Qui rappelait une nouvelle fois l’article 1803 du code des Transports, « les pouvoirs publics mettent en œuvre outre-mer une politique nationale de continuité territoriale qui repose sur les principes d’égalité des droits, de solidarité nationale et d’unité de la République. Elle tend à atténuer les contraintes de l’insularité et de l’éloignement et à rapprocher les conditions d’accès de la population aux services publics de transport, de formation, de santé et de communication de celles de la métropole. » Et d’ironiser, « tout est dit, on n’aura même pas besoin d’une loi ! »

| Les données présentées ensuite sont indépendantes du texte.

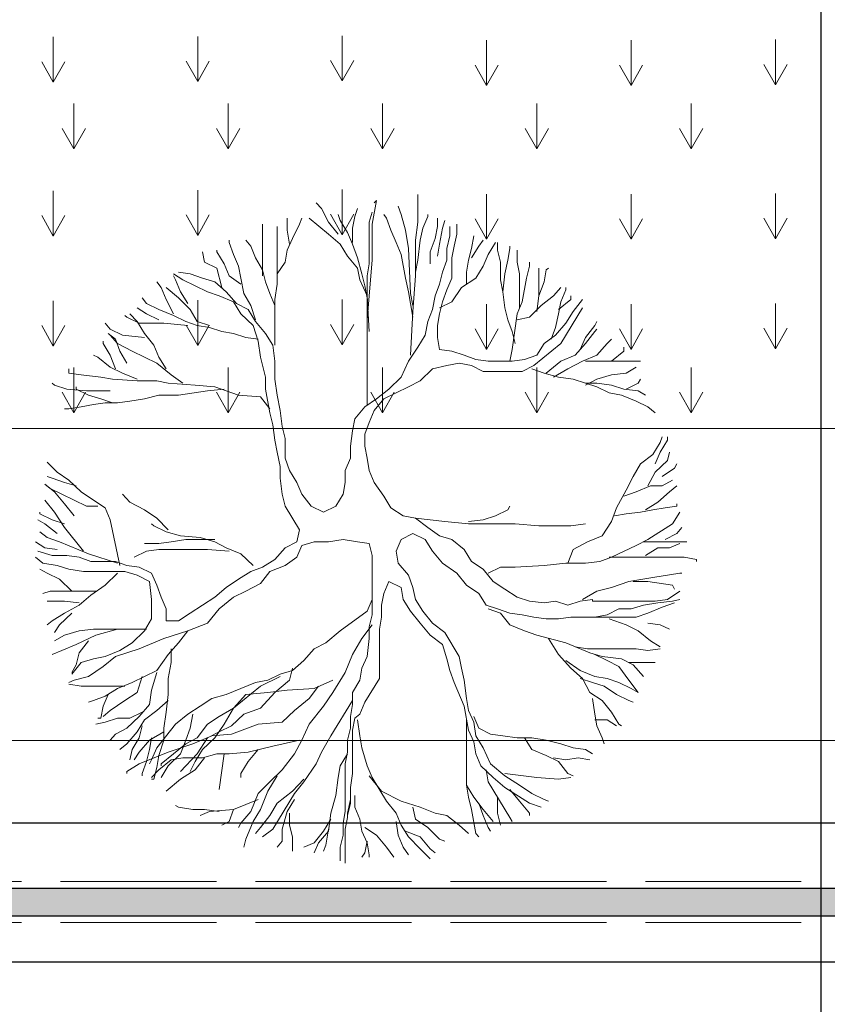
# Model space of a CAD drawing. Units: millimetres. Extents: x 595116 to 630915, y 909473 to 920225.
# Tile 42 of 134: x 629682 to 629744, y 919141 to 919216. Entities that reach past the tile are written whole.
import ezdxf

# ---------------------------------------------------------------- set-up
doc = ezdxf.new("R2010")
doc.units = ezdxf.units.MM
doc.linetypes.add('ACAD_ISO02W100', pattern=[15, 12, -3])
for name, color, linetype, lineweight in [('C-PROP', 7, 'Continuous', 25), ('C-PROP-REF', 240, 'ACAD_ISO02W100', 13), ('Dimension', 3, 'Continuous', 18), ('L-PLNT', 85, 'Continuous', 13)]:
    doc.layers.add(name, color=color, linetype=linetype, lineweight=lineweight)
doc.styles.get("Standard").update_dxf_attribs({"font": 'arial.ttf'})
doc.dimstyles.new('ISO-25', dxfattribs={"dimtxt": 9, "dimasz": 6, "dimexe": 1.25, "dimexo": 0.625, "dimtad": 1, "dimlunit": 4, "dimtxsty": 'Standard', "dimcen": 2.5, "dimadec": 0, "dimazin": 0, "dimtfac": 1, "dimtmove": 0, "dimatfit": 3, "dimfxl": 1, "dimarcsym": 0})

# ---------------------------------------------------------------- blocks, each defined once
blk = doc.blocks.new('A$C143125F4')
for p, q in [((2.1554, 4.9368), (2.1171, 4.9816)), ((2.5383, 4.8203), (2.5711, 4.9995)), ((2.5711, 4.9995), (2.5547, 4.9816)), ((2.883, 4.8338), (2.883, 5.0443)), ((2.2101, 4.8338), (2.1554, 4.9368)), ((2.407, 4.8786), (2.4289, 4.9368)), ((2.5164, 4.8338), (2.5383, 4.9099)), ((2.7571, 4.892), (2.7353, 4.9547)), ((1.8983, 4.7755), (1.8983, 4.8651)), ((1.9913, 4.8203), (2.0077, 4.8651)), ((2.2101, 4.7442), (2.0624, 4.8651)), ((2.2812, 4.7442), (2.2101, 4.8338)), ((2.2976, 4.8472), (2.2812, 4.892)), ((2.3523, 4.7576), (2.2976, 4.8472)), ((2.3906, 4.789), (2.407, 4.8786)), ((2.5164, 4.5202), (2.5164, 4.8338)), ((2.6477, 4.8651), (2.6259, 4.892)), ((2.6806, 4.7755), (2.6477, 4.8651)), ((2.79, 4.7755), (2.7571, 4.892)), ((2.8666, 4.6994), (2.883, 4.8338)), ((2.9213, 4.789), (2.9596, 4.8786)), ((2.9596, 4.8786), (2.9596, 4.892)), ((3.0307, 4.8024), (3.0307, 4.8651)), ((3.069, 4.789), (3.0854, 4.8472)), ((1.7123, 4.4306), (1.7123, 4.8203)), ((1.8217, 4.3679), (1.8217, 4.8024)), ((1.9147, 4.668), (1.8983, 4.7755)), ((1.9366, 4.7128), (1.9913, 4.8203)), ((2.3906, 4.668), (2.3523, 4.7576)), ((2.3906, 4.6814), (2.3906, 4.789)), ((2.5383, 4.5471), (2.5383, 4.8203)), ((2.7189, 4.6814), (2.6806, 4.7755)), ((2.8119, 4.6367), (2.79, 4.7755)), ((2.8994, 4.6994), (2.9213, 4.789)), ((3.0143, 4.7128), (3.0307, 4.8024)), ((3.0471, 4.668), (3.069, 4.789)), ((3.1237, 4.7307), (3.1237, 4.8024)), ((3.1784, 4.7442), (3.1784, 4.8203)), ((1.4606, 4.6814), (1.4606, 4.6994)), ((1.4935, 4.5919), (1.4606, 4.6814)), ((1.6247, 4.6546), (1.5865, 4.6994)), ((1.8983, 4.6232), (1.9366, 4.7128)), ((2.2976, 4.668), (2.2101, 4.7442)), ((2.7571, 4.5919), (2.7189, 4.6814)), ((2.8666, 4.4306), (2.8666, 4.6994)), ((2.883, 4.5471), (2.8994, 4.6994)), ((2.976, 4.6098), (3.0143, 4.7128)), ((3.1018, 4.6367), (3.1237, 4.7307)), ((3.1565, 4.6546), (3.1784, 4.7442)), ((3.2878, 4.6367), (3.3042, 4.7307)), ((3.3425, 4.6546), (3.3753, 4.6994)), ((3.4136, 4.5919), (3.4683, 4.6814)), ((3.4847, 4.6232), (3.4847, 4.6814)), ((1.2746, 4.5336), (1.2582, 4.6098)), ((1.3676, 4.6098), (1.3676, 4.6232)), ((1.4223, 4.5202), (1.3676, 4.6098)), ((1.6576, 4.565), (1.6247, 4.6546)), ((1.8819, 4.5336), (1.8983, 4.6232)), ((2.3523, 4.5784), (2.2976, 4.668)), ((2.4289, 4.565), (2.3906, 4.668)), ((2.8283, 4.2962), (2.8119, 4.6367)), ((2.976, 4.5202), (2.976, 4.6098)), ((3.0307, 4.5784), (3.0471, 4.668)), ((3.1018, 4.5471), (3.1018, 4.6367)), ((3.1401, 4.565), (3.1565, 4.6546)), ((3.2659, 4.5471), (3.2878, 4.6367)), ((3.2878, 4.565), (3.3425, 4.6546)), ((3.5066, 4.5336), (3.4847, 4.6232)), ((3.5613, 4.5471), (3.5777, 4.6367)), ((3.5777, 4.6367), (3.5777, 4.6546)), ((3.6324, 4.5336), (3.6324, 4.6232)), ((1.3676, 4.4888), (1.2746, 4.5336)), ((1.5317, 4.5023), (1.4935, 4.5919)), ((1.7123, 4.4754), (1.6576, 4.565)), ((1.8217, 4.444), (1.8819, 4.5336)), ((2.4289, 4.4888), (2.3523, 4.5784)), ((2.4617, 4.444), (2.4289, 4.565)), ((2.5, 4.0991), (2.5383, 4.5471)), ((2.79, 4.4127), (2.7571, 4.5919)), ((2.8666, 4.4575), (2.883, 4.5471)), ((3.069, 4.4575), (3.1018, 4.5471)), ((3.1401, 4.4127), (3.1401, 4.565)), ((3.2495, 4.4575), (3.2659, 4.5471)), ((3.3753, 4.5023), (3.4136, 4.5919)), ((3.5066, 4.3992), (3.5066, 4.5336)), ((3.5394, 4.444), (3.5613, 4.5471)), ((3.6488, 4.444), (3.6324, 4.5336)), ((3.7254, 4.5023), (3.7254, 4.5336)), ((1.0777, 4.4575), (1.1652, 4.444)), ((1.4059, 4.341), (1.3676, 4.4888)), ((1.4606, 4.4306), (1.4223, 4.5202)), ((1.5482, 4.4127), (1.5317, 4.5023)), ((1.7342, 4.3858), (1.7123, 4.4754)), ((2.4453, 4.3992), (2.4289, 4.4888)), ((2.5, 4.4306), (2.5164, 4.5202)), ((3.0471, 4.3679), (3.069, 4.4575)), ((3.2495, 4.3679), (3.2495, 4.4575)), ((3.3206, 4.4127), (3.3753, 4.5023)), ((3.7035, 4.4127), (3.7254, 4.5023)), ((3.7965, 4.2783), (3.7965, 4.4888)), ((3.8348, 4.3858), (3.8512, 4.4754)), ((3.8512, 4.4754), (3.8677, 4.4888)), ((0.9464, 4.341), (0.9136, 4.3858)), ((1.1105, 4.3992), (1.0394, 4.444)), ((1.0558, 4.3992), (1.0394, 4.4306)), ((1.0941, 4.3096), (1.0558, 4.3992)), ((1.2965, 4.3096), (1.1105, 4.3992)), ((1.1652, 4.444), (1.2582, 4.4127)), ((1.2582, 4.4127), (1.3512, 4.3858)), ((1.3512, 4.3858), (1.4387, 4.3096)), ((1.5482, 4.3679), (1.4606, 4.4306)), ((1.57, 4.2962), (1.5482, 4.4127)), ((1.767, 4.2962), (1.7342, 4.3858)), ((2.5, 4.2783), (2.4453, 4.3992)), ((2.4836, 4.3544), (2.4617, 4.444)), ((2.5, 3.4584), (2.5, 4.4306)), ((2.8119, 4.3096), (2.79, 4.4127)), ((2.8447, 4.1618), (2.8666, 4.4306)), ((3.1018, 4.3231), (3.1401, 4.4127)), ((3.2112, 4.341), (3.3206, 4.4127)), ((3.523, 4.3096), (3.5066, 4.3992)), ((3.523, 4.3096), (3.5394, 4.444)), ((3.6488, 4.1887), (3.6488, 4.444)), ((3.6707, 4.2335), (3.7035, 4.4127)), ((3.7965, 4.2783), (3.8348, 4.3858)), ((0.9847, 4.2514), (0.9464, 4.341)), ((1.0777, 4.2648), (0.9847, 4.341)), ((1.1488, 4.22), (1.0941, 4.3096)), ((1.384, 4.2783), (1.2965, 4.3096)), ((1.4387, 4.3096), (1.5153, 4.22)), ((1.8053, 4.2514), (1.8217, 4.3679)), ((2.5, 4.2648), (2.4836, 4.3544)), ((2.8283, 4.22), (2.8119, 4.3096)), ((3.0143, 4.2783), (3.0471, 4.3679)), ((3.069, 4.2335), (3.1018, 4.3231)), ((3.1401, 4.2335), (3.2112, 4.341)), ((3.5394, 4.1887), (3.523, 4.3096)), ((3.906, 4.2783), (3.9607, 4.341)), ((3.9607, 4.2335), (3.999, 4.3231)), ((3.999, 4.3231), (3.999, 4.341)), ((0.837, 4.22), (0.8042, 4.2648)), ((1.0394, 4.1439), (0.9847, 4.2514)), ((1.1652, 4.1752), (1.0777, 4.2648)), ((1.4935, 4.2335), (1.384, 4.2783)), ((1.6247, 4.2066), (1.57, 4.2962)), ((1.8053, 4.2066), (1.767, 4.2962)), ((1.8053, 3.9064), (1.8053, 4.2514)), ((2.5164, 4.0095), (2.5, 4.2783)), ((2.8447, 4.2066), (2.8283, 4.2962)), ((2.9924, 4.1752), (3.0143, 4.2783)), ((3.7801, 4.1618), (3.7965, 4.2783)), ((3.813, 4.2066), (3.906, 4.2783)), ((3.9442, 4.1752), (4.0372, 4.2514)), ((4.0372, 4.2514), (4.0372, 4.2783)), ((4.1248, 4.2514), (4.0537, 4.1618)), ((0.837, 4.1439), (0.7659, 4.1887)), ((0.93, 4.1752), (0.837, 4.22)), ((1.0394, 4.1304), (0.93, 4.1752)), ((1.2199, 4.0856), (1.1652, 4.1752)), ((1.5482, 4.1439), (1.4935, 4.2335)), ((1.5153, 4.22), (1.6029, 4.1752)), ((1.6029, 4.1752), (1.6576, 4.0856)), ((1.6576, 4.0991), (1.6247, 4.2066)), ((2.8447, 4.117), (2.8283, 4.22)), ((2.8283, 3.8303), (2.8447, 4.1618)), ((2.9596, 4.0856), (2.9924, 4.1752)), ((3.0471, 4.1887), (3.1401, 4.2335)), ((3.0471, 4.1439), (3.069, 4.2335)), ((3.5613, 4.0991), (3.5394, 4.1887)), ((3.6324, 4.1439), (3.6707, 4.2335)), ((3.7254, 4.117), (3.813, 4.2066)), ((3.9442, 4.1439), (3.9607, 4.2335)), ((3.9607, 3.9199), (4.1248, 4.1887)), ((4.0537, 4.1618), (3.999, 4.0722)), ((0.6893, 4.117), (0.6729, 4.1304)), ((0.7823, 4.0722), (0.6893, 4.117)), ((0.7659, 4.0856), (0.7112, 4.1439)), ((0.8206, 3.996), (0.7659, 4.0856)), ((0.93, 4.0991), (0.837, 4.1439)), ((1.1324, 4.0856), (1.0394, 4.1304)), ((1.2199, 4.0543), (1.1324, 4.0856)), ((1.3129, 4.0543), (1.2199, 4.0856)), ((1.6412, 4.0543), (1.5482, 4.1439)), ((1.6576, 4.0856), (1.7342, 3.996)), ((2.5, 3.996), (2.5, 4.0991)), ((2.9377, 3.9826), (2.9596, 4.0856)), ((3.0307, 4.0543), (3.0471, 4.1439)), ((3.5941, 4.0095), (3.5613, 4.0991)), ((3.5941, 3.8751), (3.6324, 4.1439)), ((3.6324, 4.0991), (3.7254, 4.117)), ((3.9224, 4.0408), (3.9442, 4.1439)), ((4.2178, 4.0543), (4.2342, 4.0856)), ((0.5635, 4.0274), (0.5252, 4.0722)), ((0.6565, 3.9826), (0.5635, 4.0274)), ((0.9683, 4.0722), (0.7823, 4.0722)), ((1.1488, 4.0543), (0.9683, 4.0722)), ((1.3129, 4.0408), (1.2199, 4.0543)), ((1.4059, 4.0095), (1.3129, 4.0408)), ((1.6795, 3.9378), (1.6412, 4.0543)), ((3.0307, 3.9647), (3.0307, 4.0543)), ((3.8895, 3.9512), (3.9224, 4.0408)), ((3.999, 4.0722), (3.9224, 3.9826)), ((4.1467, 3.9647), (4.2178, 4.0543)), ((4.2178, 4.0095), (4.2342, 4.0274)), ((0.5088, 3.9199), (0.5088, 3.9378)), ((0.6018, 3.9512), (0.5471, 3.996)), ((0.6182, 3.9199), (0.5635, 3.9826)), ((0.6346, 3.8616), (0.6018, 3.9512)), ((0.8206, 3.9647), (0.6565, 3.9826)), ((0.8917, 3.9064), (0.8206, 3.996)), ((1.4935, 3.996), (1.4059, 4.0095)), ((1.5865, 3.9647), (1.4935, 3.996)), ((1.6795, 3.9512), (1.5865, 3.9647)), ((1.6959, 3.8168), (1.6795, 3.9378)), ((1.7342, 3.996), (1.7889, 3.9064)), ((2.883, 3.893), (2.9377, 3.9826)), ((3.0471, 3.8751), (3.0307, 3.9647)), ((3.616, 3.9199), (3.5941, 4.0095)), ((3.9224, 3.9826), (3.8348, 3.9199)), ((4.1084, 3.8751), (4.1467, 3.9647)), ((4.1467, 3.9199), (4.2178, 4.0095)), ((4.3108, 3.9199), (4.3436, 3.9512)), ((0.5635, 3.8303), (0.5088, 3.9199)), ((0.7276, 3.8616), (0.6182, 3.9199)), ((0.93, 3.8168), (0.8917, 3.9064)), ((1.7889, 3.9064), (1.8053, 3.7855)), ((2.8119, 3.7855), (2.883, 3.893)), ((3.1401, 3.8616), (3.0471, 3.8751)), ((3.5777, 3.7855), (3.5941, 3.8751)), ((3.7583, 3.7541), (3.9607, 3.9199)), ((3.8348, 3.9199), (3.7801, 3.8303)), ((4.0701, 3.8303), (4.1467, 3.9199)), ((4.2342, 3.8303), (4.3108, 3.9199)), ((4.4366, 3.8616), (4.4366, 3.893)), ((0.4705, 3.8168), (0.4376, 3.8303)), ((0.5635, 3.7407), (0.4705, 3.8168)), ((0.6018, 3.7272), (0.5635, 3.8303)), ((0.6893, 3.772), (0.6346, 3.8616)), ((0.9136, 3.772), (0.7276, 3.8616)), ((0.9847, 3.7272), (0.93, 3.8168)), ((1.7342, 3.6645), (1.6959, 3.8168)), ((3.2331, 3.8303), (3.1401, 3.8616)), ((3.3206, 3.7989), (3.2331, 3.8303)), ((3.4136, 3.7855), (3.3206, 3.7989)), ((3.6871, 3.7989), (3.5941, 3.7855)), ((3.7801, 3.8303), (3.6871, 3.7989)), ((3.9607, 3.7855), (4.0701, 3.8303)), ((4.1248, 3.7855), (4.2342, 3.8303)), ((4.3436, 3.7855), (4.4366, 3.8616)), ((0.2516, 3.6959), (0.2516, 3.7272)), ((0.6565, 3.6959), (0.5635, 3.7407)), ((1.023, 3.6824), (0.9136, 3.772)), ((1.8053, 3.7855), (1.8053, 3.6511)), ((2.7571, 3.6645), (2.8119, 3.7855)), ((2.8994, 3.6376), (2.9924, 3.7272)), ((2.9924, 3.7272), (3.1018, 3.7541)), ((3.1018, 3.7541), (3.1948, 3.772)), ((3.1948, 3.772), (3.2878, 3.7541)), ((3.2878, 3.7541), (3.3753, 3.7093)), ((3.5941, 3.7855), (3.4136, 3.7855)), ((3.6707, 3.7093), (3.7583, 3.7541)), ((3.7418, 3.7272), (3.8348, 3.6959)), ((3.8512, 3.6959), (3.9607, 3.7855)), ((3.906, 3.6645), (4.0154, 3.7272)), ((4.0154, 3.7272), (4.1248, 3.7855)), ((4.1467, 3.7855), (4.5624, 3.7855)), ((4.453, 3.6959), (4.5296, 3.7407)), ((0.3446, 3.6824), (0.2516, 3.6959)), ((0.4923, 3.6645), (0.3446, 3.6824)), ((0.5799, 3.6511), (0.4923, 3.6645)), ((0.7659, 3.6376), (0.5799, 3.6511)), ((0.7659, 3.6511), (0.6565, 3.6959)), ((1.1105, 3.6197), (1.023, 3.6824)), ((1.7342, 3.5749), (1.7342, 3.6645)), ((1.8053, 3.6511), (1.8217, 3.5301)), ((2.6641, 3.5749), (2.7571, 3.6645)), ((3.3753, 3.7093), (3.6707, 3.7093)), ((3.8348, 3.6959), (3.9442, 3.6645)), ((3.9442, 3.6645), (4.0537, 3.6511)), ((4.0537, 3.6511), (4.1467, 3.6197)), ((4.1467, 3.6063), (4.2342, 3.6511)), ((4.2342, 3.6511), (4.3436, 3.6824)), ((4.3436, 3.6824), (4.453, 3.6959)), ((4.546, 3.6197), (4.5624, 3.6511)), ((0.1422, 3.6063), (0.1258, 3.6197)), ((0.2352, 3.5749), (0.1422, 3.6063)), ((0.3829, 3.5615), (0.2352, 3.5749)), ((0.3063, 3.5749), (0.3063, 3.5928)), ((0.3993, 3.5301), (0.3063, 3.5749)), ((0.9136, 3.6376), (0.7659, 3.6376)), ((1.0011, 3.6197), (0.9136, 3.6376)), ((1.2035, 3.6063), (1.0011, 3.6197)), ((1.3512, 3.5928), (1.2035, 3.6063)), ((1.4223, 3.5749), (1.2965, 3.5615)), ((1.5317, 3.5301), (1.3512, 3.5928)), ((1.767, 3.3957), (1.7342, 3.5749)), ((2.5711, 3.5032), (2.6641, 3.5749)), ((2.6259, 3.5032), (2.8119, 3.5928)), ((2.8119, 3.5928), (2.8994, 3.6376)), ((4.1467, 3.6197), (4.2342, 3.5928)), ((4.1467, 3.6197), (4.2342, 3.6197)), ((4.2342, 3.6197), (4.3436, 3.6063)), ((4.2342, 3.5928), (4.3272, 3.548)), ((4.3436, 3.6063), (4.4366, 3.5749)), ((4.4366, 3.5749), (4.546, 3.5615)), ((4.453, 3.5749), (4.546, 3.6197)), ((0.5635, 3.5615), (0.3829, 3.5615)), ((0.4923, 3.5032), (0.3993, 3.5301)), ((0.5799, 3.4719), (0.4923, 3.5032)), ((0.8206, 3.5032), (0.7112, 3.4853)), ((0.93, 3.5301), (0.8206, 3.5032)), ((1.0777, 3.5301), (0.93, 3.5301)), ((1.2965, 3.5615), (1.0777, 3.5301)), ((1.6959, 3.5167), (1.5317, 3.5301)), ((1.767, 3.4271), (1.6959, 3.5167)), ((1.8217, 3.5301), (1.8436, 3.4136)), ((2.4836, 3.4405), (2.5711, 3.5032)), ((2.5547, 3.4136), (2.6259, 3.5032)), ((4.3272, 3.548), (4.4202, 3.5301)), ((4.4202, 3.5301), (4.5296, 3.4853)), ((4.546, 3.5615), (4.6007, 3.5301)), ((0.2516, 3.4271), (0.2188, 3.4271)), ((0.3446, 3.4405), (0.2516, 3.4271)), ((0.4376, 3.4584), (0.3446, 3.4405)), ((0.5252, 3.4719), (0.4376, 3.4584)), ((0.6182, 3.4719), (0.5252, 3.4719)), ((0.7112, 3.4853), (0.6182, 3.4719)), ((2.407, 3.3509), (2.4836, 3.4405)), ((4.5296, 3.4853), (4.6171, 3.4405)), ((4.6171, 3.4405), (4.6718, 3.3957)), ((1.7889, 3.3061), (1.767, 3.3957)), ((1.8436, 3.4136), (1.86, 3.2927)), ((2.3906, 3.2613), (2.407, 3.3509)), ((2.5164, 3.3241), (2.5547, 3.4136)), ((1.8053, 3.1897), (1.7889, 3.3061)), ((1.86, 3.2927), (1.8819, 3.2031)), ((2.4836, 3.2345), (2.5164, 3.3241)), ((1.8819, 3.2031), (1.8819, 3.0553)), ((2.3742, 3.1449), (2.3906, 3.2613)), ((2.4836, 3.1449), (2.4836, 3.2345)), ((4.7101, 3.1717), (4.7265, 3.2165)), ((4.7648, 3.1897), (4.7648, 3.2165)), ((1.8217, 3.1001), (1.8053, 3.1897)), ((2.3742, 3.0553), (2.3742, 3.1449)), ((2.5, 3.0553), (2.4836, 3.1449)), ((4.6554, 3.0821), (4.7101, 3.1717)), ((4.7101, 3.1001), (4.7648, 3.1897)), ((1.8436, 2.9925), (1.8217, 3.1001)), ((1.8819, 3.0553), (1.9147, 2.9612)), ((2.3359, 2.9612), (2.3742, 3.0553)), ((2.5164, 2.9612), (2.5, 3.0553)), ((4.5624, 3.0105), (4.6554, 3.0821)), ((4.6718, 3.0105), (4.7101, 3.1001)), ((4.7648, 3.0373), (4.7812, 3.1001)), ((0.1641, 2.9477), (0.0875, 3.0239)), ((1.8436, 2.9029), (1.8436, 2.9925)), ((4.5077, 2.9164), (4.5624, 3.0105)), ((4.6718, 2.9477), (4.7648, 3.0373)), ((4.7265, 2.9164), (4.8195, 2.9791)), ((4.8195, 2.9791), (4.8359, 3.0105)), ((0.1258, 2.9029), (0.0875, 2.9164)), ((0.2188, 2.8716), (0.1258, 2.9029)), ((0.2516, 2.8895), (0.1641, 2.9477)), ((1.86, 2.782), (1.8436, 2.9029)), ((1.9147, 2.9612), (1.9694, 2.8716)), ((2.3359, 2.8716), (2.3359, 2.9612)), ((2.5547, 2.8716), (2.5164, 2.9612)), ((4.453, 2.8133), (4.5077, 2.9164)), ((4.6171, 2.8447), (4.6718, 2.9477)), ((0.1422, 2.7999), (0.0711, 2.8581)), ((0.1094, 2.8268), (0.0711, 2.8581)), ((0.1969, 2.782), (0.1094, 2.8268)), ((0.3063, 2.8447), (0.2188, 2.8716)), ((0.3446, 2.7999), (0.2516, 2.8895)), ((1.9694, 2.8716), (2.0077, 2.782)), ((2.3195, 2.782), (2.3359, 2.8716)), ((2.6259, 2.7686), (2.5547, 2.8716)), ((4.5296, 2.7999), (4.639, 2.8447)), ((4.639, 2.8447), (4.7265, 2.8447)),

Les liaisons pour rallier un aéroport sont concernées par une des préconisations

Par contre, de défendre l’impact budgétaire, si ! « Même si c’est une montée en puissance progressive, nous sommes preneurs, mais il faut au moins dans un premier temps doubler le montant de LADOM à 100 millions d’euros.

Le rapport préconise aussi de « mettre LADOM au service des projets de territoire définis par les collectivités ultramarines « , de muscler le passeport pour la mobilité des études (PME), de simplifier l’aide au fret et d’étudier les conditions d’une aide au fret sur les produits de consommation courante qui ne fragiliserait pas les productions locales, d’augmenter la participation de l’État à hauteur de 50 % du financement des DSP régionales ou locales contribuant à la continuité territoriale sur les trajets dépourvues de liaisons routières et de lever les freins actuels à l’effectivité de la continuité funéraire.

Des préconisations qui tombent « dans un bon agenda », puisque l’évolution vers LADOM 2024 est en cours depuis octobre dernier.